Изменить размер шрифта - +
На трассе имелось нехорошее местечко — поворот коридора. Здесь надо было притормаживать, чтобы не врезаться в стену. Курчатов обнаружил, что если на бегу упереться в стену рукой, то можно броском повернуть тело, не теряя скорости. Он усовершенствовал найденный прием, водрузив на повороте деревянный столб. Столб охватывался на бегу левой рукой — правая держала радиоактивную мишень, — поворот на девяносто градусов становился легким.

Хранилищем для источника нейтронов стало ведро. В него залили парафин, а когда он застыл, просверлили дырочку и погрузили туда ампулку. Хранилище получилось отменное. Утром Курчатов спешил к ведру и, бодро помахивая им, шел к месту, где облучали мишень.

В комнате Курчатова допоздна было полно людей. Ведро, чтобы его ненароком не опрокинули, ставили по окончании обработки мишеней к соседу, Лене Неменову. Неменов — в Физтехе он был известен под странным прозвищем Буба — вначале спокойно взирал на оцинкованное ведро, приткнувшееся в углу, потом встревожился. Он собирал масс-спектрограф, аппарат для разделения изотопов; прибор был хитрый, подгонка шла трудно. В институте Неменов славился искусством сложных наладок. Даже Рейнов, мастерски монтировавший измерительные приборы, с уважением говорил, что «руки у Бубы — золото, никто так не натянет тончайшую струну электрометра». Спортсмен — шестнадцатая ракетка страны по теннису — и фотограф, Неменов больше других своих рукомёсел гордился умением тонкой сборки. Он вскоре начал с сомнением оглядываться на чужое ведро. Черт его знает, как действуют нейтроны на капризный масс-спектрограф. И однажды он запальчиво объявил, что больше не позволит отравлять воздух своей лаборатории бериллиевым излучением. Он схватил ведро и выставил его в коридор. Курчатов взял ведро и молча удалился.

Неменов прокричал вслед:

— Игорь, сними с меня лучше штаны, но избавь от радона!

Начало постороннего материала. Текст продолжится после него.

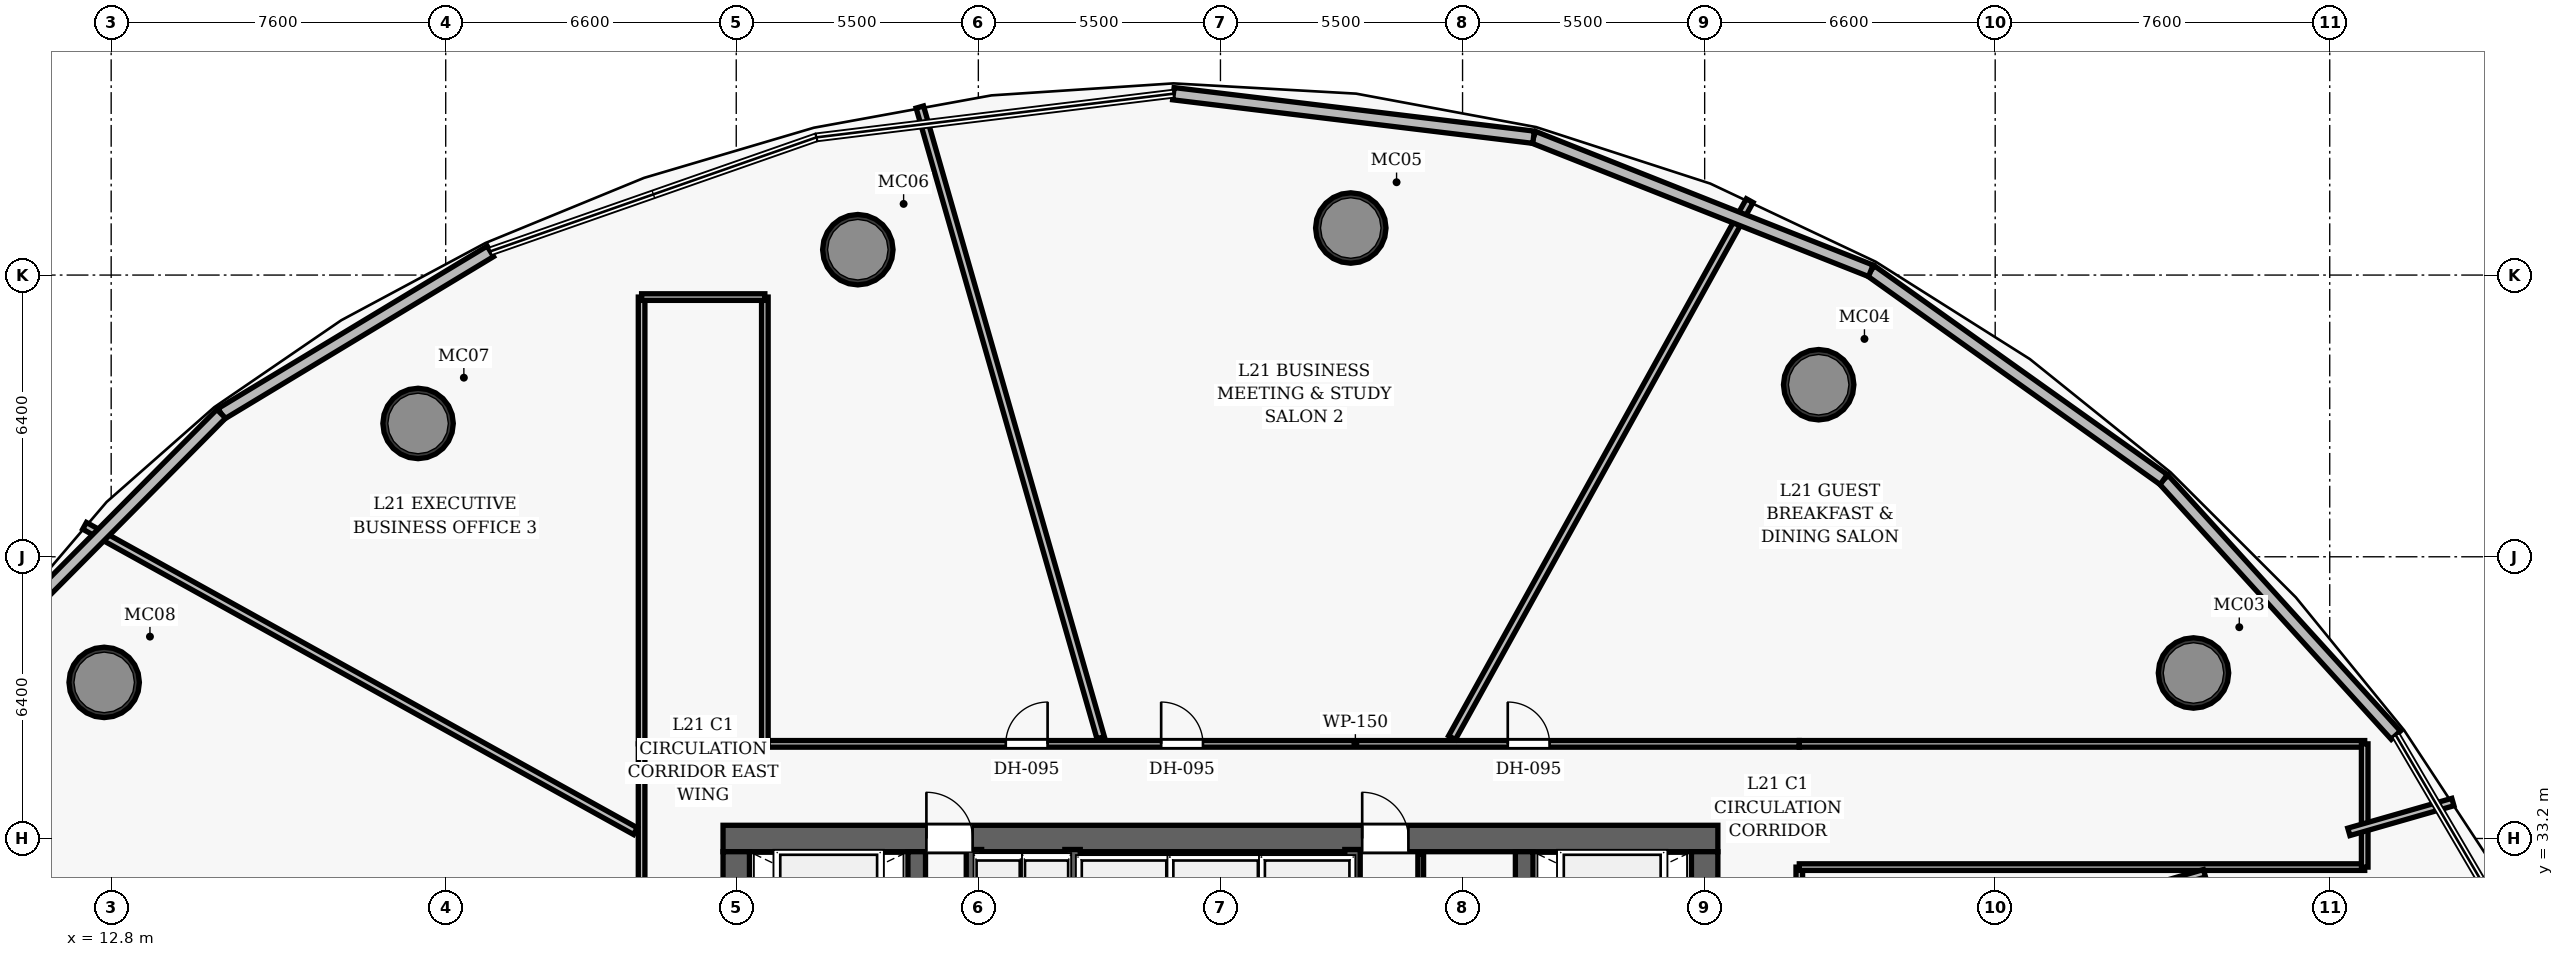
"""IFC4 building model, lengths in metres.
Left out: names, types, materials, properties, quantities, classifications, styles, units other than length and angle.
Written with IfcOpenShell. Run it as: python <this file> out.ifc"""

import sys

from ifc_helpers import new_model, si_unit, direction, frame, frame_2d, origin, origin_2d, place, context, subcontext, project, spatial, rectangle, hollow_circle, extrude, element, fill, save


model = new_model("IFC4")
c1 = context("Model", 3, precision=1e-05, world=origin(), true_north=direction((0.0, 1.0)))
c2 = subcontext(c1, "Body", "Model", "MODEL_VIEW")
j1 = project(units=[si_unit("LENGTHUNIT", "METRE"), si_unit("PLANEANGLEUNIT", "RADIAN")], contexts=[c1])
p1 = place(None, origin())
s1 = spatial("IfcSite", under=j1, at=p1, CompositionType="ELEMENT")
p2 = place(p1, origin())
s2 = spatial("IfcBuilding", under=s1, at=p2, CompositionType="ELEMENT")
p3 = place(p2, frame((0.0, 0.0, 90.4)))
s3 = spatial("IfcBuildingStorey", under=s2, at=p3, CompositionType="ELEMENT", Elevation=90.4)
p4 = place(p3, frame((26.7, 33.2, 0.0), z_axis=(0.0, 0.0, 1.0), x_axis=(1.0, 0.0, 0.0)))
e1 = element("IfcWall", 1, at=p4, inside=s3, PredefinedType="SHEAR", context=c2, shape_type="SweptSolid", body=[
    extrude(rectangle(XDim=22.6, YDim=0.6, at=frame_2d((11.3, 0.0))), origin(), (0.0, 0.0, 1.0), 3.5),
])
p5 = place(p4, frame((4.62, 0.0, 0.0)))
e2 = element("IfcOpeningElement", 2, at=p5, cuts=e1, PredefinedType="OPENING", context=c2, shape_type="SweptSolid", body=[
    extrude(rectangle(XDim=1.05, YDim=2.15, at=frame_2d((0.525, 1.075))), frame((0.0, 0.31, 0.0), z_axis=(0.0, -1.0, 0.0), x_axis=(1.0, 0.0, 0.0)), (0.0, 0.0, 1.0), 0.62),
])
p6 = place(p4, frame((14.52, 0.0, 0.0)))
e3 = element("IfcOpeningElement", 3, at=p6, cuts=e1, PredefinedType="OPENING", context=c2, shape_type="SweptSolid", body=[
    extrude(rectangle(XDim=1.05, YDim=2.15, at=frame_2d((0.525, 1.075))), frame((0.0, 0.31, 0.0), z_axis=(0.0, -1.0, 0.0), x_axis=(1.0, 0.0, 0.0)), (0.0, 0.0, 1.0), 0.62),
])
p7 = place(p3, frame((27.0, 19.1, 0.0), z_axis=(0.0, 0.0, 1.0), x_axis=(0.0, 1.0, 0.0)))
e4 = element("IfcWall", 4, at=p7, inside=s3, PredefinedType="SHEAR", context=c2, shape_type="SweptSolid", body=[
    extrude(rectangle(XDim=13.8, YDim=0.6, at=frame_2d((6.9, 0.0))), origin(), (0.0, 0.0, 1.0), 3.5),
])
p8 = place(p7, frame((8.2, 0.0, 0.0)))
e5 = element("IfcOpeningElement", 5, at=p8, cuts=e4, PredefinedType="OPENING", context=c2, shape_type="SweptSolid", body=[
    extrude(rectangle(XDim=1.05, YDim=2.15, at=frame_2d((0.525, 1.075))), frame((0.0, 0.31, 0.0), z_axis=(0.0, -1.0, 0.0), x_axis=(1.0, 0.0, 0.0)), (0.0, 0.0, 1.0), 0.62),
])
p9 = place(p3, frame((49.0, 19.1, 0.0), z_axis=(0.0, 0.0, 1.0), x_axis=(0.0, 1.0, 0.0)))
e6 = element("IfcWall", 6, at=p9, inside=s3, PredefinedType="SHEAR", context=c2, shape_type="SweptSolid", body=[
    extrude(rectangle(XDim=13.8, YDim=0.6, at=frame_2d((6.9, 0.0))), origin(), (0.0, 0.0, 1.0), 3.5),
])
p10 = place(p9, frame((8.2, 0.0, 0.0)))
e7 = element("IfcOpeningElement", 7, at=p10, cuts=e6, PredefinedType="OPENING", context=c2, shape_type="SweptSolid", body=[
    extrude(rectangle(XDim=1.05, YDim=2.15, at=frame_2d((0.525, 1.075))), frame((0.0, 0.31, 0.0), z_axis=(0.0, -1.0, 0.0), x_axis=(1.0, 0.0, 0.0)), (0.0, 0.0, 1.0), 0.62),
])
for number, where, z_axis, x_axis in (
    (8, (31.1, 19.1, 0.0), (0.0, 0.0, 1.0), (0.0, 1.0, 0.0)),
    (9, (44.9, 19.1, 0.0), (0.0, 0.0, 1.0), (0.0, 1.0, 0.0)),
):
    element("IfcWall", number, at=place(p3, frame(where, z_axis=z_axis, x_axis=x_axis)), inside=s3, PredefinedType="SHEAR", context=c2, shape_type="SweptSolid", body=[
        extrude(rectangle(XDim=13.8, YDim=0.4, at=frame_2d((6.9, 0.0))), origin(), (0.0, 0.0, 1.0), 3.5),
    ])
for number, where, z_axis, x_axis in (
    (10, (60.105, 36.96, 0.0), (0.0, 0.0, 1.0), (1.0, 0.0, 0.0)),
    (11, (51.59, 43.509, 0.0), (0.0, 0.0, 1.0), (1.0, 0.0, 0.0)),
    (12, (40.961, 47.069, 0.0), (0.0, 0.0, 1.0), (1.0, 0.0, 0.0)),
    (13, (29.762, 46.577, 0.0), (0.0, 0.0, 1.0), (1.0, 0.0, 0.0)),
    (14, (19.772, 42.629, 0.0), (0.0, 0.0, 1.0), (1.0, 0.0, 0.0)),
    (15, (12.641, 36.746, 0.0), (0.0, 0.0, 1.0), (1.0, 0.0, 0.0)),
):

Курчатов обернулся и с укором проговорил:

— Не нужны мне твои штаны, Леня!

И то, что он не повысил голоса и назвал Неменова Леней, а не Бубой, показало тому, как глубоко он обидел приятеля.

Теперь ведро стояло в закутке возле лестницы на второй этаж. Здесь производилось и облучение мишеней. Курчатов напрасно побаивался, что с ампулкой может что-то случиться. Сотрудники института, хотя и любопытные, в опасный закуток не лезли.

Неменов скоро разобрался, что обвинения против радон-бериллиевой ампулки неосновательны, надежную работу масс-спектрографа радон не мог испортить. Его мучили угрызения совести. Вскоре он нашел способ загладить вину. Курчатов пожаловался, что Радиевый институт держит его на голодном пайке — активность у источника падает раньше, чем доставляется новая ампулка. Неменов пообещал помочь горю. Его отец, основатель и директор Рентгенологического института, привез из Парижа купленные у Марии Кюри полтора грамма радия по миллиону рублей за грамм. Сын упросил отца периодически — по мере накопления радона — снабжать им Физтех. Примирение состоялось немедленно, как только один из друзей вручил другому внеплановую ампулку. Порадовало и то, что рентгенологи за свой радон денег не брали, лишь просили, чтобы в отчетах и статьях упоминали об их бескорыстной помощи.

Полного довольства все же не было. «Двух маток сосем, а голодно», — говорил Курчатов сотрудникам, их становилось все больше. «Правда, — начал он вскоре добавлять, рассматривая свои пальцы, — было бы легче с радоном, стало бы хуже с руками».

Работа с нейтронами оказалась опасней, чем ожидали. И у Курчатова, и у Щепкина стали краснеть пальцы рук, на них уплотнялась и омертвлялась кожа. Курчатов с сокрушением шевелил пальцами — огрубевшая, воскового блеска кожа лишала их прежней подвижности. Потом омертвевшая кожа стала слезать, ее можно было снимать, как чулок, — под ней обнажался слой свежей кожи, розовой, очень тонкой, легко ранимой, — скорее пленки, чем кожи.